WSNs have great potential that are exploited for many applications in real world scenarios. However, it has been concluded that the problems of energy constraint and data redundancy emerge inevitably in the course of designing an application of WSNs, especially for high-density large scale network.

First, due to the relative less energy consumption on computation and sensing, wireless communications resulting from data delivery consume significant amount of power of sensor nodes only equipped with limited battery. In order to achieve longer lifetime, one of design challenges for WSNs is to reduce the amount of communication as much as possible without sacrificing measurement integrity.

Second, to satisfy full network coverage requirements [1] and compensate for the impact of nodes failure [2,3], sensor nodes are deployed with much greater density than is needed. Therefore, for the general case in which sensor nodes is highly over-deployed, it is common that nodes redundancy results in data redundancy, whereas we can infer the degree of node redundancy through analyzing the sensed data set. Further, the redundant sensor nodes can be scheduled to the sleep mode to save energy when the predefined observation fidelity is satisfied. The problem behind this approach is how to determine the observation fidelity. Much of existing work in this area is still based on the error sensitivity approach, where the mean square error (MSE) is considered as the sole type of distortion. The inherent disadvantage of this method, however, is that MSE dose not provide a good approximation of perceived structural information in the continuous data sampling applications. One distinct example is presented in research for image quality assessment [4], where larger MSE dose not show lower structure level on the test images. As mentioned before, the over-deployed sensor nodes are high correlated or structured, and thus meaning that the sampling data collected by spatial correlated nodes have strong dependencies carrying important structure information. We attempt to exploit the dependencies to reduce the number of nodes required to work for sampling and data transmission. Such reduction is bound to save energy and prolong the network lifetime of WSNs.

In this paper, we propose a novel approach to implement sensor scheduling by maintaining the continuous sampling data fidelity that is defined by the structural similarity successful applied to image quality assessment methods. The goal of image quality assessment research is to provide a direct approach that quantifies the similarity or difference between the test and reference images. The simplest implementation to achieve the goal is the error sensitivity approach, which determines a better quality image based on lower MSE. Some limitations on the traditional approach have been highlighted by many previous researchers from image processing area [5–7], e.g., quality definition problem, decorrelation problem and cognitive interaction problem. These problems also exist in the quality assessment of the continuous sampling applications for WSNs. A new philosophy for the assessment of image quality is the Structural SIMilarity (SSIM) proposed in [4,8,9], which calculate the structural similarity index of the degraded images by incorporating known human visual system (HVS) properties. With the method, the structural information of image signals consisting of abundant pixels exhibiting high spatial correlation can be extracted. Despite a big MSE relative to the reference image, the tested image still obtains a very high fidelity value as long as the most of structural information of the reference image can be preserved. Using the structural similarity to process large scale data in WSNs, especially when data is continuous sampled, it is unquestionable that we can get benefits in energy saving. There are two strong motivations for this:

• The extracted structural information is just the main concern in the continuous data sampling applications for WSNs. Such as the application domain that need to capture the data structural changes is highly adapted with the SSIM approach, which is inapplicable in event detection because of the character of error sensitivity.

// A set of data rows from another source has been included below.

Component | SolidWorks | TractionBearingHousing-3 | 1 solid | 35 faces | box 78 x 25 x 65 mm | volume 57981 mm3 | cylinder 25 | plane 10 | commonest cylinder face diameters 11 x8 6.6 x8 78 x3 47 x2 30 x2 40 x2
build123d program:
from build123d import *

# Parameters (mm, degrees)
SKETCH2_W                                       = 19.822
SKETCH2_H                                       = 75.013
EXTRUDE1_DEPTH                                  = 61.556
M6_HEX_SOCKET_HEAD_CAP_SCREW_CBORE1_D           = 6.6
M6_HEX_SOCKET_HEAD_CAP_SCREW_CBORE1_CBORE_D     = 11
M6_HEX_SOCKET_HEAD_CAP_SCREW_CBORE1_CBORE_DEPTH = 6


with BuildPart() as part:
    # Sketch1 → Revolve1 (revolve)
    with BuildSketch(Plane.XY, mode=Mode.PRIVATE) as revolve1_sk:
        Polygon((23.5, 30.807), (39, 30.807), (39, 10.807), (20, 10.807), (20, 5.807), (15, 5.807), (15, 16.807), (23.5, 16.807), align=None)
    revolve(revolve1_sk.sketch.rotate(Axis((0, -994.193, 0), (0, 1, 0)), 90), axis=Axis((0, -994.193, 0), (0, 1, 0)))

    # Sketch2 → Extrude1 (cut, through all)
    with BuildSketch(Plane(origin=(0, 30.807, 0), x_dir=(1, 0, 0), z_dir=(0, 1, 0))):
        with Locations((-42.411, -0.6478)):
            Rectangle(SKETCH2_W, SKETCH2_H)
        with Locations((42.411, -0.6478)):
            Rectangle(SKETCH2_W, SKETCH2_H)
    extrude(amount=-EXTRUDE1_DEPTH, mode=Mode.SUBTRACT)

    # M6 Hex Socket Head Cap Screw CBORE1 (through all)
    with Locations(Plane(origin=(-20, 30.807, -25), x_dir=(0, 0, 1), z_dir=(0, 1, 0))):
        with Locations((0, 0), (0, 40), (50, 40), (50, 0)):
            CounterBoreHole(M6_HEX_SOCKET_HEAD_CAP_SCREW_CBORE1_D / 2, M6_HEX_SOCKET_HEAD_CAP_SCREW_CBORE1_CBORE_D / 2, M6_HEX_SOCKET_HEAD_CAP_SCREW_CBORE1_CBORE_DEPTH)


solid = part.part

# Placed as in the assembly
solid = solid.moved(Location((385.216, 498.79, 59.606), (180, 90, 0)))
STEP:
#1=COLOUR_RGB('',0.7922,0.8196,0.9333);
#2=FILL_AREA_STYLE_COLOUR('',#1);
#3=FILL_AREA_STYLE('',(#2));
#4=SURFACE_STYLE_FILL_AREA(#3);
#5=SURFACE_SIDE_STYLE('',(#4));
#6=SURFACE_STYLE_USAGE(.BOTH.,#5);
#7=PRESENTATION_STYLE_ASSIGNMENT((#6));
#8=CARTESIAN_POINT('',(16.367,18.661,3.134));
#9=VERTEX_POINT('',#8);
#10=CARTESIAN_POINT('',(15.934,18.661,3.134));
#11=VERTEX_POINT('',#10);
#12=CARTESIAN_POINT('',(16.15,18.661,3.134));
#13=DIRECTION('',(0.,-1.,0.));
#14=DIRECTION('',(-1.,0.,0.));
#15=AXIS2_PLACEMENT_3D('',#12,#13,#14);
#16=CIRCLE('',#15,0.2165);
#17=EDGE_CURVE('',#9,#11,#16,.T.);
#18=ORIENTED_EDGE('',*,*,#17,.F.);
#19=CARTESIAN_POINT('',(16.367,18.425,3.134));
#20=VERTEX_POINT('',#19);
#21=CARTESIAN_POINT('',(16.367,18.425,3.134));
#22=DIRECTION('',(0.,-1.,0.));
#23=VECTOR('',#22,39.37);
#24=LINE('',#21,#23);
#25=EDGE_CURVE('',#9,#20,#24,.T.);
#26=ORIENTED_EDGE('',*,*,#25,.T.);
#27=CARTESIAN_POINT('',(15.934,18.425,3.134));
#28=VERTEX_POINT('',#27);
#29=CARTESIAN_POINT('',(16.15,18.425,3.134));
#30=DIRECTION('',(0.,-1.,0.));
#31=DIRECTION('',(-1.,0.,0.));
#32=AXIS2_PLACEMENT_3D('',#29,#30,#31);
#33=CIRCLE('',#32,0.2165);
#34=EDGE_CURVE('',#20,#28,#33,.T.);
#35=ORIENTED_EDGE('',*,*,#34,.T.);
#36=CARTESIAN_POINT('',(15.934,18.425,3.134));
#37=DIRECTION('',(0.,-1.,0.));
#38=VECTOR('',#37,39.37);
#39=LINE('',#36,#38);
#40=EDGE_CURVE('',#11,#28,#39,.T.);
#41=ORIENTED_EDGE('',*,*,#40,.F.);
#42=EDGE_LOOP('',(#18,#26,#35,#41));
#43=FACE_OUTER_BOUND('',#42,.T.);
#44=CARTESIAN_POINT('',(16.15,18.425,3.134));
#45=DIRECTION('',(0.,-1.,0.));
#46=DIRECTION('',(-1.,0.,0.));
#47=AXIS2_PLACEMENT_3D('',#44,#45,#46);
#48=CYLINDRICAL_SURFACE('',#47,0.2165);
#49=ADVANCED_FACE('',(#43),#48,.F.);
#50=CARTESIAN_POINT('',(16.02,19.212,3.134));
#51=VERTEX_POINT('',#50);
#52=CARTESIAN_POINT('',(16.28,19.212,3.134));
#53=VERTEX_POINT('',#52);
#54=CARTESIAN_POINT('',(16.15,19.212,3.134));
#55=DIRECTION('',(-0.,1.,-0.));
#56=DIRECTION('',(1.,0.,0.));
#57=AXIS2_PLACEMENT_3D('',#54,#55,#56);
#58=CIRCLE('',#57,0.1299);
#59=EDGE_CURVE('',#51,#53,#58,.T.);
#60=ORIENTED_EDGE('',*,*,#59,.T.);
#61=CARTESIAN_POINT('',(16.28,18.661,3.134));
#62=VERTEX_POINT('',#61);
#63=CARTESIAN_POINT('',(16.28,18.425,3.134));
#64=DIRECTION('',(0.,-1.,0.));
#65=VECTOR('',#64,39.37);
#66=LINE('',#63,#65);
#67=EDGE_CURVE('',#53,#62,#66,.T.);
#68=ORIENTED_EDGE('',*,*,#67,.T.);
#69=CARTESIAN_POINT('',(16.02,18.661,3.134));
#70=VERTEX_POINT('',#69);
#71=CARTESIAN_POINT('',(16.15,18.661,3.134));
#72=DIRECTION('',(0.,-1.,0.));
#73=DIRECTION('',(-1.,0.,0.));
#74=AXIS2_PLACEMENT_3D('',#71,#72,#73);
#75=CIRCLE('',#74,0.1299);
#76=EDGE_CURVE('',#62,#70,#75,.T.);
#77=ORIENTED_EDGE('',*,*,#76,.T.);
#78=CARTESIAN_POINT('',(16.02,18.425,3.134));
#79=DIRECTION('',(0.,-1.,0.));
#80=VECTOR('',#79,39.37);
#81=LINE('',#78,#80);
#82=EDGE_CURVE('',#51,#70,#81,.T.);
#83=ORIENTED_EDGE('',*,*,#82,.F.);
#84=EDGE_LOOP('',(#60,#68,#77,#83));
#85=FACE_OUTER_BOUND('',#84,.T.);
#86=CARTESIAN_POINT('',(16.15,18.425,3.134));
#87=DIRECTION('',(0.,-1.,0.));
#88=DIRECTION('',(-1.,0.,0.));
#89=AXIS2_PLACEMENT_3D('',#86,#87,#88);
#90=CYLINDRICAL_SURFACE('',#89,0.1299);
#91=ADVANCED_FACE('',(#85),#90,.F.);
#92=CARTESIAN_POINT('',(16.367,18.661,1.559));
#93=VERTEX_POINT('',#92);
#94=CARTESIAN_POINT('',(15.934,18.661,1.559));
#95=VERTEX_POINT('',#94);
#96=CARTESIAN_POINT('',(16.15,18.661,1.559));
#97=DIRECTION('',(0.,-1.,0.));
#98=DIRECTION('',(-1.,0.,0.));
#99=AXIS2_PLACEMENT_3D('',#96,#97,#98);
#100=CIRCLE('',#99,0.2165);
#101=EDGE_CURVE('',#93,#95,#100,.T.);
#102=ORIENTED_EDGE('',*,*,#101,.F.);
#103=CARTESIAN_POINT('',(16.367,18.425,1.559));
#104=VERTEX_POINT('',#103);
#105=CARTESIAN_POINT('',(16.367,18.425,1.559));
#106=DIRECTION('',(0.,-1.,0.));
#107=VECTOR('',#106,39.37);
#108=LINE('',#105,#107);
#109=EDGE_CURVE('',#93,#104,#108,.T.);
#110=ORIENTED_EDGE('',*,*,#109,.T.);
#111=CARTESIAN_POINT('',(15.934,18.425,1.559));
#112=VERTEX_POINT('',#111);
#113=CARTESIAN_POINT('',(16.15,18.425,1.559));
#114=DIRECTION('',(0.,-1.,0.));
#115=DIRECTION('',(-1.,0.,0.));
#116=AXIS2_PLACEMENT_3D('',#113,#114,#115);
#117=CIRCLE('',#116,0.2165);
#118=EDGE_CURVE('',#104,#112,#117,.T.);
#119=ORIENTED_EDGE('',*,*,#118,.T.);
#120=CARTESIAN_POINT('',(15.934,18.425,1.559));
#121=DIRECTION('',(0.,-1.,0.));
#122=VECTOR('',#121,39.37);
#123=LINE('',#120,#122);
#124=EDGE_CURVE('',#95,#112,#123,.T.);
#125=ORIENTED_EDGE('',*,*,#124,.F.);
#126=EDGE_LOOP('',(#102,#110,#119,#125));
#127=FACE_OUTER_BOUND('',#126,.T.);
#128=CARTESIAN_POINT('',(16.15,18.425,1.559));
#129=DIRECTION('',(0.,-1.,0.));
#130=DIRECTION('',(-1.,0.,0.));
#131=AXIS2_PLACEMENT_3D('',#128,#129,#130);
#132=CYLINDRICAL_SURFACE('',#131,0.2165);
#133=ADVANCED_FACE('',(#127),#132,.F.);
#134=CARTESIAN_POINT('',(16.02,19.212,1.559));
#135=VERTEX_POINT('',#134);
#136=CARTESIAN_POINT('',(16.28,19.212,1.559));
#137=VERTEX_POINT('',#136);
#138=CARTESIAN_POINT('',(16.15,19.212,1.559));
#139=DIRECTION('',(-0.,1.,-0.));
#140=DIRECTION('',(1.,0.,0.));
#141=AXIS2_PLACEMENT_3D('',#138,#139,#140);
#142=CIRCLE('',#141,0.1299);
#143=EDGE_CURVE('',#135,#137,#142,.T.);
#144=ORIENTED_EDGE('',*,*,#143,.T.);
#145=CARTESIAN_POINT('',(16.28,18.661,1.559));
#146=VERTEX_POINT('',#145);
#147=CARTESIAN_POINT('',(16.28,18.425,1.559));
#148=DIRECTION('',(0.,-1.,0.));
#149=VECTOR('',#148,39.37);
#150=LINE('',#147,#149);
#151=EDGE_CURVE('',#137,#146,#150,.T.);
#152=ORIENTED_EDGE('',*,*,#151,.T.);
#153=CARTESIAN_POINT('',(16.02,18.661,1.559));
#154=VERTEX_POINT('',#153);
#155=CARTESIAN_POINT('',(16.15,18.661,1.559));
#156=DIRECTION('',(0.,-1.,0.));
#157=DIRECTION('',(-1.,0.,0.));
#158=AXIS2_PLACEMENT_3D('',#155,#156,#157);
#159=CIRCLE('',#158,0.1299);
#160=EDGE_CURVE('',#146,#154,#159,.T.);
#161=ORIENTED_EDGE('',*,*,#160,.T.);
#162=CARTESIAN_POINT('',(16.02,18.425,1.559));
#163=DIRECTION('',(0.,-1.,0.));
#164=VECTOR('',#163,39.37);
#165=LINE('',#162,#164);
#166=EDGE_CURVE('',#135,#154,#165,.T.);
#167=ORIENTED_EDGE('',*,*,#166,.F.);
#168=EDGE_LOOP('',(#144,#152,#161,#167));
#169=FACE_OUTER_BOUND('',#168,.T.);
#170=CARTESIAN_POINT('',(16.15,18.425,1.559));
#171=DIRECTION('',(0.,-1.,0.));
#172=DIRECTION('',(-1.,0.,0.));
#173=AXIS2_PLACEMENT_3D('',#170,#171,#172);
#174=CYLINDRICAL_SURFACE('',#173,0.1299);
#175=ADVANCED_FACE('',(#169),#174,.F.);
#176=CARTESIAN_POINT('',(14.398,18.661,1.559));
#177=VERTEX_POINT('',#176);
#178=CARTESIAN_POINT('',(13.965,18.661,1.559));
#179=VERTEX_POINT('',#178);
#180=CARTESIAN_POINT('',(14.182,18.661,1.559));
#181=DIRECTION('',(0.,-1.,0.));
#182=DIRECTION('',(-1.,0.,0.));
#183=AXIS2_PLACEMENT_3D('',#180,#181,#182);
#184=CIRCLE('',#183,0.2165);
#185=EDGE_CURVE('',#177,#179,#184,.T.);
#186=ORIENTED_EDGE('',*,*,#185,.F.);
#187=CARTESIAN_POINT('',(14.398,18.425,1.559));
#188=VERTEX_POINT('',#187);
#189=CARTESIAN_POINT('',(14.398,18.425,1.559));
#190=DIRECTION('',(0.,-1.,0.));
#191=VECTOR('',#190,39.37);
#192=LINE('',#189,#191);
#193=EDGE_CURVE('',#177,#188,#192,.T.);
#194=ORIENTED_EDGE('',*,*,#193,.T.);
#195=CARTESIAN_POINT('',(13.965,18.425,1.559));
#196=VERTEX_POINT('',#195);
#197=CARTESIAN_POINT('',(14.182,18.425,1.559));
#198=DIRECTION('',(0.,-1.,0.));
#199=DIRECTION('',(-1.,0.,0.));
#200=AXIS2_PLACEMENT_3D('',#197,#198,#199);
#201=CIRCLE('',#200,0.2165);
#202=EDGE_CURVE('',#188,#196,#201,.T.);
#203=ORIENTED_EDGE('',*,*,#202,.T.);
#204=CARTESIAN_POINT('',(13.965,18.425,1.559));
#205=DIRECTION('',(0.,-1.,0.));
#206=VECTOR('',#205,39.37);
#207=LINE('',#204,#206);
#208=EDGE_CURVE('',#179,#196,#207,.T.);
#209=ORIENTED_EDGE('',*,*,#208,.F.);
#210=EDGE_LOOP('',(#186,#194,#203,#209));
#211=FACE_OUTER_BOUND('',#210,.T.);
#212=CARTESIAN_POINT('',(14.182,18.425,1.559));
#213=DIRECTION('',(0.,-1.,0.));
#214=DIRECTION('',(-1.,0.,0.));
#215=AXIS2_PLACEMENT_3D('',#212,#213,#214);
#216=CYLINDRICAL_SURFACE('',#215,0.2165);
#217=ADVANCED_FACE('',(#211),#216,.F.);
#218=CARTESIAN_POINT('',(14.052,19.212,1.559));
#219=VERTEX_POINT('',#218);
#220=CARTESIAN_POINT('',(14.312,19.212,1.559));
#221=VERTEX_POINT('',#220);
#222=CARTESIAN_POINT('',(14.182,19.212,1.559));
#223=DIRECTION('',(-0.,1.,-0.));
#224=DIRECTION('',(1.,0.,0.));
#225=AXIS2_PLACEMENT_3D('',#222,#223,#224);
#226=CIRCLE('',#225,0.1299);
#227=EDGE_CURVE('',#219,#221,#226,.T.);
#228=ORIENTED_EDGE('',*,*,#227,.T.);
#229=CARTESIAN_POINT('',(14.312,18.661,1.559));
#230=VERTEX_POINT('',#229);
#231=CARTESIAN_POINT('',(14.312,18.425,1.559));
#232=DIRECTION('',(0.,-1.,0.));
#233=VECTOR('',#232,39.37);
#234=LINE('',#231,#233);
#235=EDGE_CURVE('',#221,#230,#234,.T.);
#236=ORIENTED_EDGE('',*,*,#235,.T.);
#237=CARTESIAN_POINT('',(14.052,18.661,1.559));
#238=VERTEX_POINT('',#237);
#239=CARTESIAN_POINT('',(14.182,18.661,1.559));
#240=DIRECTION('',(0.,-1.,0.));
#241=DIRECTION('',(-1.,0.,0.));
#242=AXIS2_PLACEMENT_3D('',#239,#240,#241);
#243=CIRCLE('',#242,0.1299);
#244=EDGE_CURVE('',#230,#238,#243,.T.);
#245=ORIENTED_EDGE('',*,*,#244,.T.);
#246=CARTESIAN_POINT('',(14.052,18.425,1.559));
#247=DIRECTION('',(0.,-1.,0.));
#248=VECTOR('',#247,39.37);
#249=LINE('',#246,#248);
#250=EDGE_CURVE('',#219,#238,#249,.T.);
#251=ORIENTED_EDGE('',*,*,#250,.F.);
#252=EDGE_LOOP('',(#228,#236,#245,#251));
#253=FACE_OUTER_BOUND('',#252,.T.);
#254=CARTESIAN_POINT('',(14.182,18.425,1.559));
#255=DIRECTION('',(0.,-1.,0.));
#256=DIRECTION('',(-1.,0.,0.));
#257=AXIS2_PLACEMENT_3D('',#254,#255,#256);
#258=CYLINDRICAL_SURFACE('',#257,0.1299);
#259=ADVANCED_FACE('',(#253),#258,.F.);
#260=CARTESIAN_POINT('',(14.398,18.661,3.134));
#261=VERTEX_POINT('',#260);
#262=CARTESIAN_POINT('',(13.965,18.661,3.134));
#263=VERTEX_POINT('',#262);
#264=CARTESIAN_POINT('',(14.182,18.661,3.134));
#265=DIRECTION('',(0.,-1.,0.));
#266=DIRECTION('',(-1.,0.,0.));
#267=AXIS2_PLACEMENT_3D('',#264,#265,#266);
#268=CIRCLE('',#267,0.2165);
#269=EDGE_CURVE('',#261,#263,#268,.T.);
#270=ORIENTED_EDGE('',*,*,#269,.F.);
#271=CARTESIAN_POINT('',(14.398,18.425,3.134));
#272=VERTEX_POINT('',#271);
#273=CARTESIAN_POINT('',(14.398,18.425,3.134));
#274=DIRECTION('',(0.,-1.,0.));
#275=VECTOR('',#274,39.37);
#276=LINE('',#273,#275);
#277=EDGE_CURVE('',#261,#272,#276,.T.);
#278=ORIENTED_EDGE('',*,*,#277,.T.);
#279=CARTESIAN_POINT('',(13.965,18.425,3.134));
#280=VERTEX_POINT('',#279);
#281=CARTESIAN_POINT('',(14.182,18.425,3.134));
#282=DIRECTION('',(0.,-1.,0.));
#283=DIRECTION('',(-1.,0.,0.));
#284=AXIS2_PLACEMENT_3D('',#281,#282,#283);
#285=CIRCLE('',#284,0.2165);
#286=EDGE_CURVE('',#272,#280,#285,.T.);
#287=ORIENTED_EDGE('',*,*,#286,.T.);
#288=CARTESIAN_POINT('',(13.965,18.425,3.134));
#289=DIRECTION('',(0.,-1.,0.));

• The limitations from the error sensitivity approaches are avoided when the SSIM index is used to be a data fidelity assessment criterion. In this way, we refer the data collected by sensor nodes at any time as a tested image to judge the node's contribution to the whole data collection. So that, only a part of sensor nodes need to work and sample while the senor nodes with a negligible contribution will enter a sleep mode.

Inspired by the above ideas, we propose a structure fidelity data collection (SFDC) framework leveraging the spatial correlations between nodes to reduce the number of the active sensor nodes while maintaining the low structural distortion of the collected data. The ultimate goal of this paper is to save energy in the continuous data sampling applications for WSNs by designing a novel node scheduling method, which considers the data fidelity in term of spatial structure instead of the traditional MSE. To get the most out of spatial correlation, our framework is based on the spatial clustering algorithm and splitted into two phases: the learning phase and data collection phase. During the learning phase, all sensor nodes report their values to the sink. The sink assigns the sensor nodes with close distance and similar trend of the historical data to the same cluster. Within each cluster, the one with the least mean deviation on the readings is selected as the cluster head (CH). In order to apply SSIM index to better in sensor scheduling, we develop a model to calculate a node contribution to the cluster in term of data structural similarity. When given a predefined structure threshold, the CH can make the scheduling decisions on cluster members' work/sleep during the subsequent data collection phase. Therefore, our SFDC framework is well aware of the spatial correlation between nodes and can achieve significant energy saving without too much structure loss.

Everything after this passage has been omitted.